There are real energy problems, but most of these problems stem from acts of government, not acts of the market or of God. The electricity shortage that California has experienced has the same cause as gasoline lines during World War II and the 1970s—price controls. California’s “deregulation” effort capped retail electricity rates, while letting wholesale power prices move with market demand. Wholesale prices could only rise with rapidly increasing demand from 24-7 uses of information power and changed supply conditions from a bad hydro year. Retail prices could not clear—hence the political-allocation problem of rolling blackouts—and utility buyers could not pay wholesale suppliers. Rather than deregulate prices to solve the shortage in a rational manner, California authorities expanded government actions on the supply and demand sides in the quest to impose economic order. Ludwig von Mises’s writings on the futility of the “middle way” between free markets and planning apply presciently to California.
Energy policy is becoming more focused on expanding energy reserves and infrastructure to keep up with demand growth. Gone is the assumption that supply would be there, despite a variety of government disincentives, until politically favored energy alternatives could emerge. The hyperbole about a post-hydrocarbon “new energy future” is being exposed as little more than a recipe to return to a bygone era of energy scarcity; note the primary energy role of solar, wood, waste, water, and wind in centuries past, the invention of the fuel cell in 1839, and the dominance of the electric car before Henry Ford’s internal combustion engine entered mass production after the turn of the last century.
Good News, Bad News
Hydrocarbon energies are at the center of today’s consumer-driven technology revolution. Wealthy societies may be able to afford esoteric energy forays in the government sector, but energy consumers around the world desire their political leaders to lessen the hand of government so that energy will be more plentiful and affordable and their lives improved. The good news is that the needed hydrocarbons are abundant and growing cleaner and more “sustainable” over time. The bad news is that the soft energy mirage of the last two decades succeeded in getting “hard energy” partially off track. With free-market public-policy reform, hydrocarbon energies can overcome artificially imposed constraints and meet rising expectations for an open-ended future.

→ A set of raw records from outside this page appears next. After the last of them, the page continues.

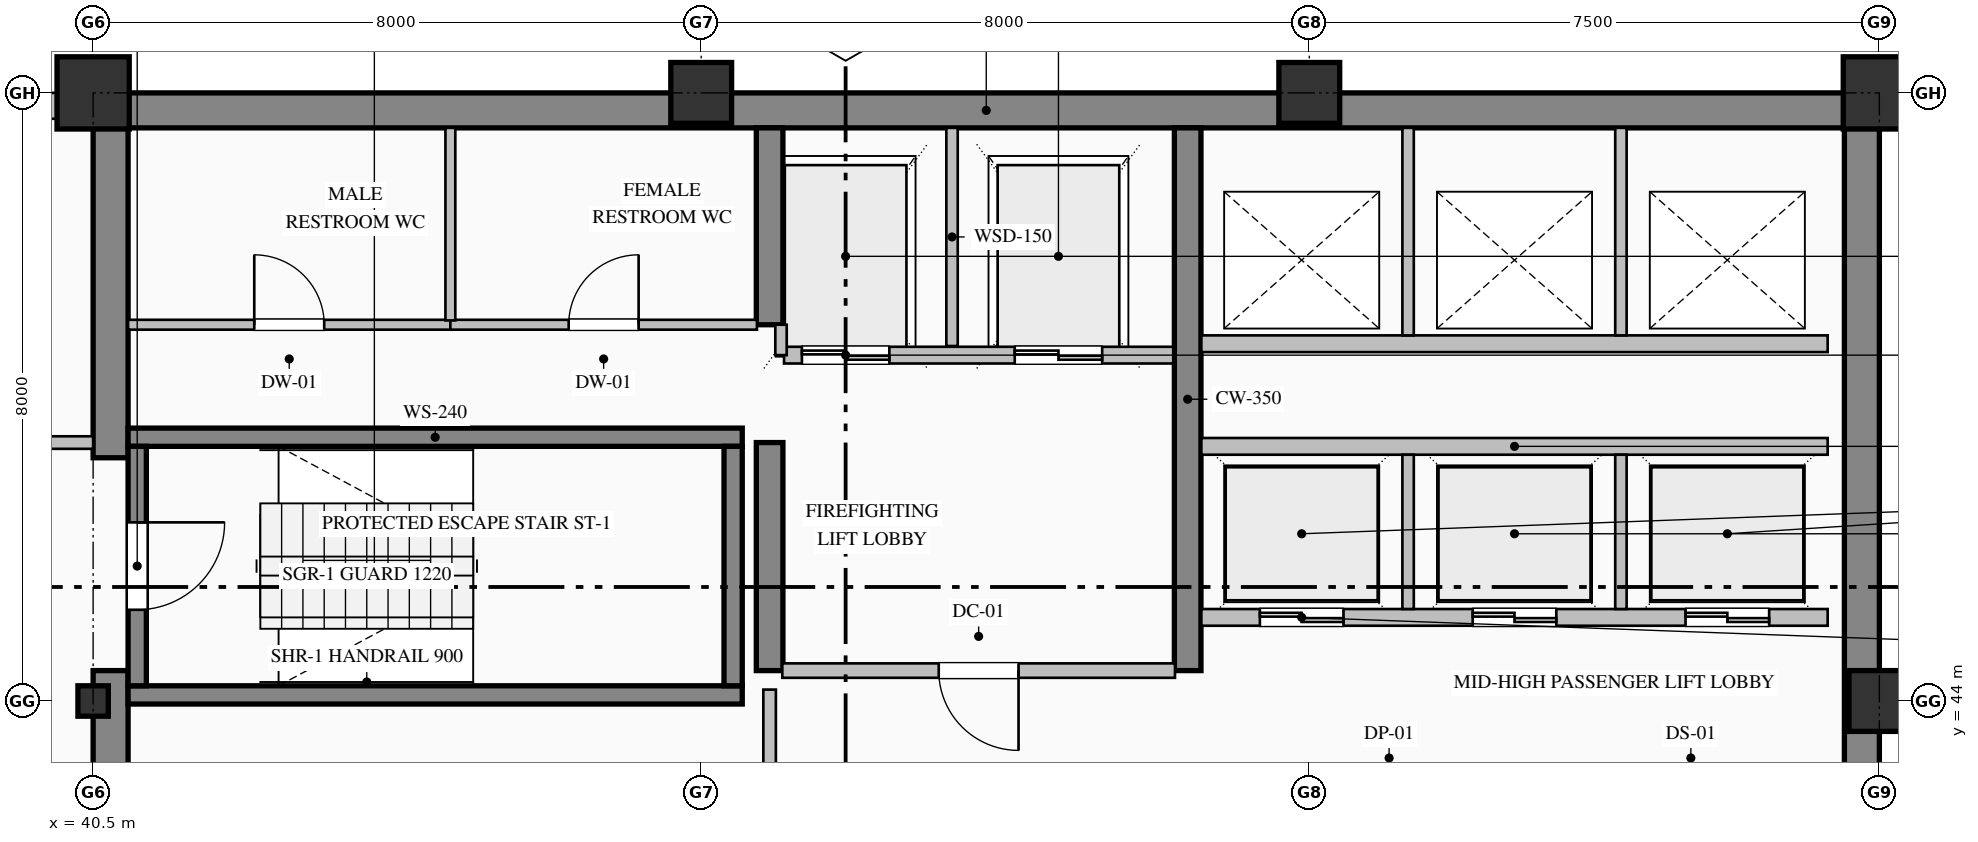
"""IFC4 building model, lengths in metres.
Left out: names, types, materials, properties, quantities, classifications, styles, units other than length and angle.
Written with IfcOpenShell. Run it as: python <this file> out.ifc"""

import sys

from ifc_helpers import new_model, si_unit, direction, frame, frame_2d, origin, origin_2d, place, context, subcontext, project, spatial, rectangle, hollow_rectangle, i_section, extrude, element, fill, save


model = new_model("IFC4")
c1 = context("Model", 3, precision=1e-05, world=origin(), true_north=direction((0.0, 1.0)))
c2 = subcontext(c1, "Body", "Model", "MODEL_VIEW")
j1 = project(units=[si_unit("LENGTHUNIT", "METRE"), si_unit("PLANEANGLEUNIT", "RADIAN")], contexts=[c1])
p1 = place(None, origin())
s1 = spatial("IfcSite", under=j1, at=p1, CompositionType="ELEMENT")
p2 = place(p1, origin())
s2 = spatial("IfcBuilding", under=s1, at=p2, CompositionType="ELEMENT")
p3 = place(p2, frame((0.0, 0.0, 265.8)))
s3 = spatial("IfcBuildingStorey", under=s2, at=p3, CompositionType="ELEMENT", Elevation=265.8)
p4 = place(p3, frame((40.5, 51.77, 0.0), z_axis=(0.0, 0.0, 1.0), x_axis=(1.0, 0.0, 0.0)))
e1 = element("IfcWall", 1, at=p4, inside=s3, PredefinedType="SHEAR", context=c2, shape_type="SweptSolid", body=[
    extrude(rectangle(XDim=23.5, YDim=0.46, at=frame_2d((11.75, 0.0))), origin(), (0.0, 0.0, 1.0), 3.775),
])
p5 = place(p3, frame((63.77, 36.32, 0.0), z_axis=(0.0, 0.0, 1.0), x_axis=(0.0, 1.0, 0.0)))
e2 = element("IfcWall", 2, at=p5, inside=s3, PredefinedType="SHEAR", context=c2, shape_type="SweptSolid", body=[
    extrude(rectangle(XDim=15.22, YDim=0.46, at=frame_2d((7.61, 0.0))), origin(), (0.0, 0.0, 1.0), 3.775),
])
p6 = place(p3, frame((40.73, 36.46, 0.0), z_axis=(0.0, 0.0, 1.0), x_axis=(0.0, 1.0, 0.0)))
e3 = element("IfcWall", 3, at=p6, inside=s3, PredefinedType="SHEAR", context=c2, shape_type="SweptSolid", body=[
    extrude(rectangle(XDim=7.94, YDim=0.46, at=frame_2d((3.97, 0.0))), origin(), (0.0, 0.0, 1.0), 3.775),
])
p7 = place(p3, frame((40.73, 47.2, 0.0), z_axis=(0.0, 0.0, 1.0), x_axis=(0.0, 1.0, 0.0)))
e4 = element("IfcWall", 4, at=p7, inside=s3, PredefinedType="SHEAR", context=c2, shape_type="SweptSolid", body=[
    extrude(rectangle(XDim=4.34, YDim=0.46, at=frame_2d((2.17, 0.0))), origin(), (0.0, 0.0, 1.0), 3.775),
])
p8 = place(p3, frame((49.4, 44.4, 0.0), z_axis=(0.0, 0.0, 1.0), x_axis=(0.0, 1.0, 0.0)))
e5 = element("IfcWall", 5, at=p8, inside=s3, PredefinedType="SHEAR", context=c2, shape_type="SweptSolid", body=[
    extrude(rectangle(XDim=3.0, YDim=0.35, at=frame_2d((1.5, 0.0))), origin(), (0.0, 0.0, 1.0), 3.775),
])
p9 = place(p3, frame((49.4, 48.95, 0.0), z_axis=(0.0, 0.0, 1.0), x_axis=(0.0, 1.0, 0.0)))
e6 = element("IfcWall", 6, at=p9, inside=s3, PredefinedType="SHEAR", context=c2, shape_type="SweptSolid", body=[
    extrude(rectangle(XDim=2.59, YDim=0.35, at=frame_2d((1.295, 0.0))), origin(), (0.0, 0.0, 1.0), 3.775),
])
p10 = place(p3, frame((54.9, 44.4, 0.0), z_axis=(0.0, 0.0, 1.0), x_axis=(0.0, 1.0, 0.0)))
e7 = element("IfcWall", 7, at=p10, inside=s3, PredefinedType="SHEAR", context=c2, shape_type="SweptSolid", body=[
    extrude(rectangle(XDim=7.14, YDim=0.35, at=frame_2d((3.57, 0.0))), origin(), (0.0, 0.0, 1.0), 3.775),
])
p11 = place(p3, frame((40.5, 44.0, 0.0), z_axis=(0.0, 0.0, 1.0), x_axis=(1.0, 0.0, 0.0)))
e8 = element("IfcColumn", 8, at=p11, inside=s3, PredefinedType="COLUMN", context=c2, shape_type="SweptSolid", body=[
    extrude(i_section(OverallWidth=0.4, OverallDepth=0.4, WebThickness=0.013, FlangeThickness=0.021, FilletRadius=0.022, at=origin_2d()), origin(), (0.0, 0.0, 1.0), 4.0),
])
p12 = place(p3, frame((40.5, 52.0, 0.0), z_axis=(0.0, 0.0, 1.0), x_axis=(1.0, 0.0, 0.0)))
e9 = element("IfcColumn", 9, at=p12, inside=s3, PredefinedType="COLUMN", context=c2, shape_type="SweptSolid", body=[
    extrude(hollow_rectangle(XDim=0.95, YDim=0.95, WallThickness=0.036, at=origin_2d()), origin(), (0.0, 0.0, 1.0), 4.0),
])
for number, where, z_axis, x_axis in (
    (10, (48.5, 52.0, 0.0), (0.0, 0.0, 1.0), (1.0, 0.0, 0.0)),
    (11, (56.5, 52.0, 0.0), (0.0, 0.0, 1.0), (1.0, 0.0, 0.0)),
    (12, (64.0, 44.0, 0.0), (0.0, 0.0, 1.0), (1.0, 0.0, 0.0)),
):
    element("IfcColumn", number, at=place(p3, frame(where, z_axis=z_axis, x_axis=x_axis)), inside=s3, PredefinedType="COLUMN", context=c2, shape_type="SweptSolid", body=[
        extrude(hollow_rectangle(XDim=0.8, YDim=0.8, WallThickness=0.032, at=origin_2d()), origin(), (0.0, 0.0, 1.0), 4.0),
    ])
p13 = place(p3, frame((64.0, 52.0, 0.0), z_axis=(0.0, 0.0, 1.0), x_axis=(1.0, 0.0, 0.0)))
e13 = element("IfcColumn", 13, at=p13, inside=s3, PredefinedType="COLUMN", context=c2, shape_type="SweptSolid", body=[
    extrude(hollow_rectangle(XDim=0.95, YDim=0.95, WallThickness=0.036, at=origin_2d()), origin(), (0.0, 0.0, 1.0), 4.0),
])
p14 = place(p3, frame((13.0, 51.83, 0.0), z_axis=(0.0, 0.0, 1.0), x_axis=(1.0, 0.0, 0.0)))
e14 = element("IfcWall", 14, at=p14, inside=s3, PredefinedType="SOLIDWALL", context=c2, shape_type="SweptSolid", body=[
    extrude(rectangle(XDim=27.52, YDim=0.34, at=frame_2d((13.76, 0.0))), origin(), (0.0, 0.0, 1.0), 3.325),
])
p15 = place(p14, frame((6.525, 0.0, 0.9)))
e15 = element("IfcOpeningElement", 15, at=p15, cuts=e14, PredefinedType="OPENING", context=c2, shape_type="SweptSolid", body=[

The threat to “energy sustainability” is not depletion, pollution, global cooling, or global warming. Activist government policies that increase prices and reduce reliability are the real threat for the 1.6 billion people still awaiting modern energy and the other 4.5 billion who are more reliant on energy than ever before. Policymakers should respect energy reality, heed consumer expectations, and let free markets reign with the “master resource.”
Source: Intergovernmental Panel on Climate Change, Climate Change 2001: Mitigation (Cambridge, UK: Cambridge University Press, 2001), p. 236.
Hydrocarbons—oil, natural gas, orimulsion, and coal—are intensive energy carriers. Despite concern that such supplies are running out, official estimates of remaining supply are bullish. On a total energy equivalent basis, 99 percent of total supply is still left after almost 140 years of consumption. With increasing estimates of remaining hydrocarbons, “1% down, 99% to go” may also be the statistic well into the future.